A very important domain in video surveillance systems is object identification. This is a phase that comes after the moving object detection and moving object tracking blocks. After designing the intelligent software capable of extraction of moving objects from video sequence without any aside intervention, the next problem to be solved is how to train the system to identify the detected object and report its identification automatically. That is why shape recognition has its theoretical and practical importance in image processing and computer vision.

Many authors have done research in the shape resemblance domain (Schwartz, 1984), (Shapiro, 1982), (O’Rourke, 1985), (Hong, 1988), (Cox, 1989), (Avis, 1983), but these methods are position, range scale and orientation dependent.
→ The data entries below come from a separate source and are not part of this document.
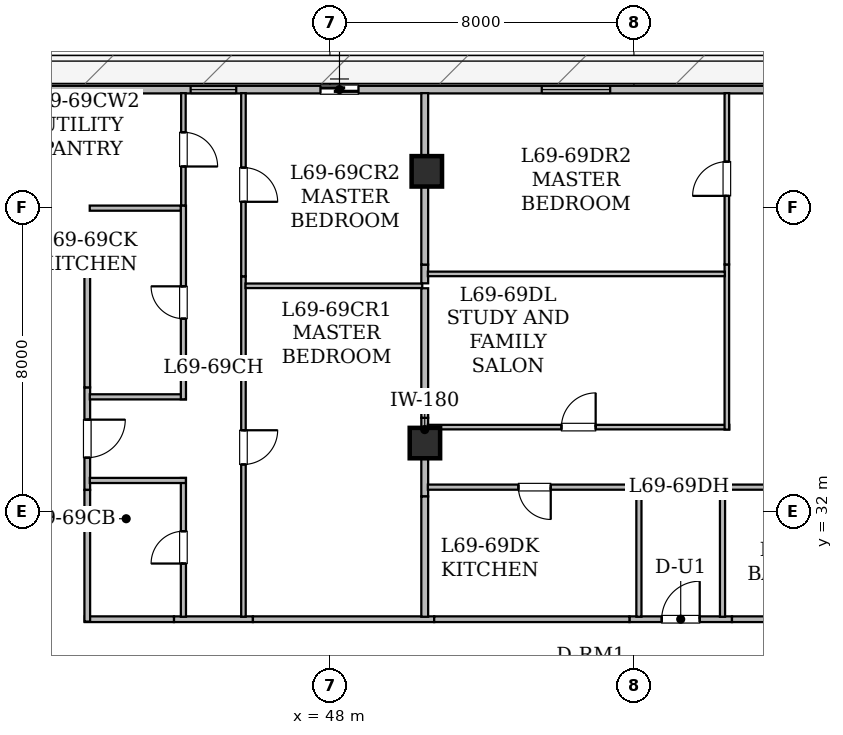
"""IFC4 building model, lengths in metres.
Left out: names, types, materials, properties, quantities, classifications, styles, units other than length and angle.
Written with IfcOpenShell. Run it as: python <this file> out.ifc"""

import sys

from ifc_helpers import new_model, si_unit, direction, frame, frame_2d, origin, origin_2d, place, context, subcontext, project, spatial, rectangle, hollow_rectangle, extrude, element, fill, save


model = new_model("IFC4")
c1 = context("Model", 3, precision=1e-05, world=origin(), true_north=direction((0.0, 1.0)))
c2 = subcontext(c1, "Body", "Model", "MODEL_VIEW")
j1 = project(units=[si_unit("LENGTHUNIT", "METRE"), si_unit("PLANEANGLEUNIT", "RADIAN")], contexts=[c1])
p1 = place(None, origin())
s1 = spatial("IfcSite", under=j1, at=p1, CompositionType="ELEMENT")
p2 = place(p1, origin())
s2 = spatial("IfcBuilding", under=s1, at=p2, CompositionType="ELEMENT")
p3 = place(p2, frame((0.0, 0.0, 269.45)))
s3 = spatial("IfcBuildingStorey", under=s2, at=p3, CompositionType="ELEMENT", Elevation=269.45)
for number, where, z_axis, x_axis in (
    (1, (50.55, 40.95, 0.025), (0.0, 0.0, 1.0), (1.0, 0.0, 0.0)),
    (2, (50.5, 33.8, 0.025), (0.0, 0.0, 1.0), (1.0, 0.0, 0.0)),
):
    element("IfcColumn", number, at=place(p3, frame(where, z_axis=z_axis, x_axis=x_axis)), inside=s3, PredefinedType="COLUMN", context=c2, shape_type="SweptSolid", body=[
        extrude(hollow_rectangle(XDim=0.8, YDim=0.8, WallThickness=0.04, at=origin_2d()), origin(), (0.0, 0.0, 1.0), 4.175),
    ])
p4 = place(p3, frame((25.702, 43.1, 0.0), z_axis=(0.0, 0.0, 1.0), x_axis=(1.0, 0.0, 0.0)))
e3 = element("IfcWall", 3, at=p4, inside=s3, PredefinedType="STANDARD", context=c2, shape_type="SweptSolid", body=[
    extrude(rectangle(XDim=38.657, YDim=0.2, at=frame_2d((19.329, 0.0))), origin(), (0.0, 0.0, 1.0), 3.95),
])
p5 = place(p4, frame((22.05, 0.0, 0.0)))
e4 = element("IfcOpeningElement", 4, at=p5, cuts=e3, PredefinedType="OPENING", context=c2, shape_type="SweptSolid", body=[
    extrude(rectangle(XDim=1.0, YDim=2.15, at=frame_2d((0.5, 1.075))), frame((0.0, 0.11, 0.0), z_axis=(0.0, -1.0, 0.0), x_axis=(1.0, 0.0, 0.0)), (0.0, 0.0, 1.0), 0.22),
])
p6 = place(p4, frame((18.633, 0.0, 0.78)))
e5 = element("IfcOpeningElement", 5, at=p6, cuts=e3, PredefinedType="OPENING", context=c2, shape_type="SweptSolid", body=[
    extrude(rectangle(XDim=1.2, YDim=1.5, at=frame_2d((0.6, 0.75))), frame((0.0, 0.11, 0.0), z_axis=(0.0, -1.0, 0.0), x_axis=(1.0, 0.0, 0.0)), (0.0, 0.0, 1.0), 0.22),
])
p7 = place(p4, frame((27.873, 0.0, 0.85)))
e6 = element("IfcOpeningElement", 6, at=p7, cuts=e3, PredefinedType="OPENING", context=c2, shape_type="SweptSolid", body=[
    extrude(rectangle(XDim=1.8, YDim=0.92, at=frame_2d((0.9, 0.46))), frame((0.0, 0.11, 0.0), z_axis=(0.0, -1.0, 0.0), x_axis=(1.0, 0.0, 0.0)), (0.0, 0.0, 1.0), 0.22),
])
p8 = place(p4, frame((35.193, 0.0, 0.85)))
e7 = element("IfcOpeningElement", 7, at=p8, cuts=e3, PredefinedType="OPENING", context=c2, shape_type="SweptSolid", body=[
    extrude(rectangle(XDim=1.8, YDim=0.92, at=frame_2d((0.9, 0.46))), frame((0.0, 0.11, 0.0), z_axis=(0.0, -1.0, 0.0), x_axis=(1.0, 0.0, 0.0)), (0.0, 0.0, 1.0), 0.22),
])
p9 = place(p3, frame((43.896, 29.165, 0.0), z_axis=(0.0, 0.0, 1.0), x_axis=(1.0, 0.0, 0.0)))
e8 = element("IfcWall", 8, at=p9, inside=s3, PredefinedType="STANDARD", context=c2, shape_type="SweptSolid", body=[
    extrude(rectangle(XDim=2.078, YDim=0.15, at=frame_2d((1.039, 0.0))), origin(), (0.0, 0.0, 1.0), 3.95),
])
p10 = place(p3, frame((41.615, 35.265, 0.0), z_axis=(0.0, 0.0, 1.0), x_axis=(0.0, -1.0, 0.0)))
e9 = element("IfcWall", 9, at=p10, inside=s3, PredefinedType="STANDARD", context=c2, shape_type="SweptSolid", body=[
    extrude(rectangle(XDim=2.698, YDim=0.15, at=frame_2d((1.349, 0.0))), origin(), (0.0, 0.0, 1.0), 3.481),
])
p11 = place(p10, frame((0.849, 0.0, 0.0)))
e10 = element("IfcOpeningElement", 10, at=p11, cuts=e9, PredefinedType="OPENING", context=c2, shape_type="SweptSolid", body=[
    extrude(rectangle(XDim=1.0, YDim=2.15, at=frame_2d((0.5, 1.075))), frame((0.0, 0.085, 0.0), z_axis=(0.0, -1.0, 0.0), x_axis=(1.0, 0.0, 0.0)), (0.0, 0.0, 1.0), 0.17),
])
p12 = place(p3, frame((41.55, 29.165, 0.0), z_axis=(0.0, 0.0, 1.0), x_axis=(1.0, 0.0, 0.0)))
e11 = element("IfcWall", 11, at=p12, inside=s3, PredefinedType="STANDARD", context=c2, shape_type="SweptSolid", body=[
    extrude(rectangle(XDim=2.346, YDim=0.15, at=frame_2d((1.173, 0.0))), origin(), (0.0, 0.0, 1.0), 3.95),
])
p13 = place(p3, frame((41.615, 32.567, 0.0), z_axis=(0.0, 0.0, 1.0), x_axis=(0.0, -1.0, 0.0)))
e12 = element("IfcWall", 12, at=p13, inside=s3, PredefinedType="STANDARD", context=c2, shape_type="SweptSolid", body=[
    extrude(rectangle(XDim=3.465, YDim=0.15, at=frame_2d((1.732, 0.0))), origin(), (0.0, 0.0, 1.0), 3.95),
])
p14 = place(p3, frame((41.615, 38.4, 0.0), z_axis=(0.0, 0.0, 1.0), x_axis=(0.0, -1.0, 0.0)))
e13 = element("IfcWall", 13, at=p14, inside=s3, PredefinedType="STANDARD", context=c2, shape_type="SweptSolid", body=[
    extrude(rectangle(XDim=3.135, YDim=0.15, at=frame_2d((1.567, 0.0))), origin(), (0.0, 0.0, 1.0), 3.245),
])
p15 = place(p3, frame((45.974, 29.165, 0.0), z_axis=(0.0, 0.0, 1.0), x_axis=(1.0, 0.0, 0.0)))
e14 = element("IfcWall", 14, at=p15, inside=s3, PredefinedType="STANDARD", context=c2, shape_type="SweptSolid", body=[
    extrude(rectangle(XDim=4.77, YDim=0.15, at=frame_2d((2.385, 0.0))), origin(), (0.0, 0.0, 1.0), 3.245),
])
p16 = place(p3, frame((55.882, 29.165, 0.0), z_axis=(0.0, 0.0, 1.0), x_axis=(1.0, 0.0, 0.0)))
e15 = element("IfcWall", 15, at=p16, inside=s3, PredefinedType="STANDARD", context=c2, shape_type="SweptSolid", body=[
    extrude(rectangle(XDim=2.698, YDim=0.15, at=frame_2d((1.349, 0.0))), origin(), (0.0, 0.0, 1.0), 3.95),
])
p17 = place(p16, frame((0.849, 0.0, 0.0)))
e16 = element("IfcOpeningElement", 16, at=p17, cuts=e15, PredefinedType="OPENING", context=c2, shape_type="SweptSolid", body=[
    extrude(rectangle(XDim=1.0, YDim=2.15, at=frame_2d((0.5, 1.075))), frame((0.0, 0.085, 0.0), z_axis=(0.0, -1.0, 0.0), x_axis=(1.0, 0.0, 0.0)), (0.0, 0.0, 1.0), 0.17),
])
p18 = place(p3, frame((58.58, 29.165, 0.0), z_axis=(0.0, 0.0, 1.0), x_axis=(1.0, 0.0, 0.0)))
e17 = element("IfcWall", 17, at=p18, inside=s3, PredefinedType="STANDARD", context=c2, shape_type="SweptSolid", body=[
    extrude(rectangle(XDim=4.367, YDim=0.15, at=frame_2d((2.184, 0.0))), origin(), (0.0, 0.0, 1.0), 3.95),
])
p19 = place(p3, frame((50.744, 29.165, 0.0), z_axis=(0.0, 0.0, 1.0), x_axis=(1.0, 0.0, 0.0)))
e18 = element("IfcWall", 18, at=p19, inside=s3, PredefinedType="STANDARD", context=c2, shape_type="SweptSolid", body=[
    extrude(rectangle(XDim=5.138, YDim=0.15, at=frame_2d((2.569, 0.0))), origin(), (0.0, 0.0, 1.0), 3.95),
])
p20 = place(p3, frame((44.145, 43.008, 0.0), z_axis=(0.0, 0.0, 1.0), x_axis=(0.0, -1.0, 0.0)))
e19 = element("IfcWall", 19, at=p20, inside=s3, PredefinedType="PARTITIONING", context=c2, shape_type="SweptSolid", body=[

They are not metrics and are also complicated from computational point of view. Some of these methods (Schwartz, 1984) and (Cox, 1989), apply only to convex polygons and that additionally restricts the proposed algorithms. Huttenlocher and Kedem in (Huttenlocher, 1990) develop the method that computes a distance between two shapes based on the Hausdorff metric. Their metric compares polygonal shapes independently of affined transformation. Some of the proposed algorithms as in (Wolson, 1987) use the curvature function as a shape signature. The methods presented in (Schwartz, 1984), (Shwartz, 1987) and (Arkin, 1991) have a similar approach. They are all based on convolution.

The authors in (Arkin, 1991) represent the simple polygon boundary with the turning function that measures the angle of the counterclockwise tangent as a function of the arc-length, measured from some reference point on polygon’s boundary. The turning function represents the angle that the tangent at the reference point makes with some reference orientation associated with the polygon (such as the x-axis). It keeps track of the turning that takes place, increasing with left-hand turns and decreasing with right-hand turns. The metric proposed in (Arkin, 1991) turns out to be very problematic for noisy and destroyed shapes.